Juda menjelaskan, BI konsisten menerapkan bauran kebijakan untuk menjaga stabilitas makroekonomi dengan tetap menjaga momentum pemulihan ekonomi nasional. Kebijakan moneter tetap diarahkan menjaga stabilitas (pro-stability) untuk mengendalikan inflasi dan menghadapi gejolak eksternal. Sementara kebijakan makroprudensial, sistem pembayaran, pendalaman pasar uang, serta UMKM dan syariah diarahkan untuk mendukung pertumbuhan ekonomi (pro-growth).
”Pertumbuhan tanpa stabilitas akan menjadi rentan. Stabilitas tanpa pertumbuhan juga akan sia-sia. Ini yang coba diseimbangkan dengan bauran kebijakan,” ujar Juda.
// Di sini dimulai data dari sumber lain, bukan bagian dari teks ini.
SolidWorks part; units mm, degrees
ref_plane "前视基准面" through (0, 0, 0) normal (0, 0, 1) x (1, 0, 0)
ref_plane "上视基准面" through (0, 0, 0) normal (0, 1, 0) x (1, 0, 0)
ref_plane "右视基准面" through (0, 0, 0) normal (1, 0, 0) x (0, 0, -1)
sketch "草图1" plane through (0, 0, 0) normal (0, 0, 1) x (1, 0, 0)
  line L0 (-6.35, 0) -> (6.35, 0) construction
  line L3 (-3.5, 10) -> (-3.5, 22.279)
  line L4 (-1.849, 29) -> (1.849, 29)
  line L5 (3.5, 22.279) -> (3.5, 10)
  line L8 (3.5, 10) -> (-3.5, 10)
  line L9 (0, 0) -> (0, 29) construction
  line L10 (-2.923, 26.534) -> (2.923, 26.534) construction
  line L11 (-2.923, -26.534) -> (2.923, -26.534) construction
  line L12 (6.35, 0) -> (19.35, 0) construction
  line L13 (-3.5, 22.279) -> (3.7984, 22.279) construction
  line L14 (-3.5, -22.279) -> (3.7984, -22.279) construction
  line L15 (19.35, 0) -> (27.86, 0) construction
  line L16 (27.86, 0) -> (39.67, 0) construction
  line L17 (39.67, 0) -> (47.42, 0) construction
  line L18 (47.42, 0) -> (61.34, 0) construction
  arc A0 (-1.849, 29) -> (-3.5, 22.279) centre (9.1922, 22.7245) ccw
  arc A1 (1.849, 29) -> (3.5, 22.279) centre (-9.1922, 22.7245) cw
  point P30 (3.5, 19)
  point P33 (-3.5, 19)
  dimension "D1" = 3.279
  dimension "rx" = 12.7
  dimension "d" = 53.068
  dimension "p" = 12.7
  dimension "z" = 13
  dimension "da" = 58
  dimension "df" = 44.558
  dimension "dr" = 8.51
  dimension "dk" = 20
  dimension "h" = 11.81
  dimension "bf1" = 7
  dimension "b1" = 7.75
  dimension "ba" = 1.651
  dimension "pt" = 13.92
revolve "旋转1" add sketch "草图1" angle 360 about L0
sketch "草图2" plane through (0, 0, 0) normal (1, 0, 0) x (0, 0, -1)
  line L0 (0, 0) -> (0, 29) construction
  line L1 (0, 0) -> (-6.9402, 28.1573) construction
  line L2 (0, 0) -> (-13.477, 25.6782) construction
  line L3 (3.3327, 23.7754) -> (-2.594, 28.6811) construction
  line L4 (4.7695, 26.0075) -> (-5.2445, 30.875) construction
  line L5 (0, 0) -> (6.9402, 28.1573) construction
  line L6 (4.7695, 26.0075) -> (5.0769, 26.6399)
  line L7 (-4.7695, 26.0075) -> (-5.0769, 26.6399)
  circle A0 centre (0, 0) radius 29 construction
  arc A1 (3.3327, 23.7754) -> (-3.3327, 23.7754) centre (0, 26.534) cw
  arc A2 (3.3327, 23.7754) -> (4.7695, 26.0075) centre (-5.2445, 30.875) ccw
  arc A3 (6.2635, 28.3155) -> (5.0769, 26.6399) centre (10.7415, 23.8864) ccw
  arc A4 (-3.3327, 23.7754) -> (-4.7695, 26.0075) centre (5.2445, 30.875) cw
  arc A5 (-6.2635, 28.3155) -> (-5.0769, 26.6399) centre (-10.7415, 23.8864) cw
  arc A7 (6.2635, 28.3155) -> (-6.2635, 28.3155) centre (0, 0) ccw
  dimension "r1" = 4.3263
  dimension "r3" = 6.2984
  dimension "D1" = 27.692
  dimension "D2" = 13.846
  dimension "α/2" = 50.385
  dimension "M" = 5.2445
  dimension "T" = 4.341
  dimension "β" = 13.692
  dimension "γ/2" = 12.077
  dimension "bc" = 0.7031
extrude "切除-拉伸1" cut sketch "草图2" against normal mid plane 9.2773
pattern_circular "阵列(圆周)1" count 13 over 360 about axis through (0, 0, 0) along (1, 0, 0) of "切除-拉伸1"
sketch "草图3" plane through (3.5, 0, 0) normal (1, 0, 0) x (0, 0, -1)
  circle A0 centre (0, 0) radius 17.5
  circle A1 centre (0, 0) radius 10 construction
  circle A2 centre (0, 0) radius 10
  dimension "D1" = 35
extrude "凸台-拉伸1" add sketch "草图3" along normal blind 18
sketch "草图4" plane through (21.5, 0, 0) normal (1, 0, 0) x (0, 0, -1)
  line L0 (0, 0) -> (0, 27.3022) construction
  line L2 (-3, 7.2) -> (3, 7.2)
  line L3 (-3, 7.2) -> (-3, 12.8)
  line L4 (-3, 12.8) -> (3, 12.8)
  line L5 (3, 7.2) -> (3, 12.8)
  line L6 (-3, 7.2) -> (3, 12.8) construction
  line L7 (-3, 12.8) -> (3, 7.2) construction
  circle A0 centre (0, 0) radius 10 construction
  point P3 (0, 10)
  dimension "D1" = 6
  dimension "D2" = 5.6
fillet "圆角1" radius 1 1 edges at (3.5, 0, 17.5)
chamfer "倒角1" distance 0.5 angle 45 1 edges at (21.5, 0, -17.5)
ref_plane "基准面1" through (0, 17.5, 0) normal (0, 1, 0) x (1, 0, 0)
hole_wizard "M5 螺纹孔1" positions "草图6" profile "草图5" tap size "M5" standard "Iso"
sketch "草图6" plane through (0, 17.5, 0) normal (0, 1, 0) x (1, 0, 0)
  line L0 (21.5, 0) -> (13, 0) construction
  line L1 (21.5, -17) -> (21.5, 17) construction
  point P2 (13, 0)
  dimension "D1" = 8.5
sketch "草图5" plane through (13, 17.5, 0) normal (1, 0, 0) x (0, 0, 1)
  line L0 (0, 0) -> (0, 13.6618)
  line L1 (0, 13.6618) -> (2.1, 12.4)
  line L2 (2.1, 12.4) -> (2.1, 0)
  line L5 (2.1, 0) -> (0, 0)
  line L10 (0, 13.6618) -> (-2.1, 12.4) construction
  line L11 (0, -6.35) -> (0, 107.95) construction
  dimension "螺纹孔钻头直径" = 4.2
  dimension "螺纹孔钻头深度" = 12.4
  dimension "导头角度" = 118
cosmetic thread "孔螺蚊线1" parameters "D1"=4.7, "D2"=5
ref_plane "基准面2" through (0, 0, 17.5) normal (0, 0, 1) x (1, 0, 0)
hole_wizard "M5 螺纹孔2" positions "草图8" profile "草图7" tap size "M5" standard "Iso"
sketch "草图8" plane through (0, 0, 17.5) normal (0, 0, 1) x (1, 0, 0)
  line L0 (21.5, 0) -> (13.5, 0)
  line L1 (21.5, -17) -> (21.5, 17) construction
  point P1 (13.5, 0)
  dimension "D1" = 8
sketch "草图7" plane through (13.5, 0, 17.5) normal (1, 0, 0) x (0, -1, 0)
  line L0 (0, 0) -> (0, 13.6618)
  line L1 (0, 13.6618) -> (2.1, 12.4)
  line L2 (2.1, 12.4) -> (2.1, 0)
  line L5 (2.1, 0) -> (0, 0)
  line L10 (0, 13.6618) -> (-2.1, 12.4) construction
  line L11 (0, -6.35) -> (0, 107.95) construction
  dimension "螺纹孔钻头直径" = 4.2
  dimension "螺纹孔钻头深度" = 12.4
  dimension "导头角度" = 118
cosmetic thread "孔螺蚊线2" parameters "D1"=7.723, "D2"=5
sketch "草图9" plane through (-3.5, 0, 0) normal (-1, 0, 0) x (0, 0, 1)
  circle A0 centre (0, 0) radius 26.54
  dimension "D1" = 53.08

Ekonom yang juga Rektor Perbanas Institute Hermanto Siregar menjelaskan, BI perlu melanjutkan bauran kebijakan guna menjaga stabilitas dan mendorong pertumbuhan ekonomi. Kebijakan moneter digunakan untuk menjaga stabilitas. Sementara itu, kebijakan makroprudensial, digitalisasi sistem pembayaran, pendalaman pasar uang, serta program ekonomi-keuangan inklusif dan hijau untuk pertumbuhan yang berkelanjutan.
Selain BI, peran Otoritas Jasa Keuangan (OJK) dan Lembaga Penjamin Simpanan (LPS) juga tak kalah vital. OJK perlu memastikan perbankan menerapkan manajemen risiko dan tata kelola dalam setiap aktivitas bisnis. Adapun LPS perlu menjaga dan meningkatkan kepercayaan masyarakat terhadap perbankan.
Kepala Ekonom Bank Central Asia (BCA) David Sumual mengatakan, bauran kebijakan membuat pengambilan keputusan makroekonomi saling menopang dan tidak hanya bertumpu pada satu kebijakan. Ini bisa membagi beban dan mitigasi risiko dampak pengambilan keputusan.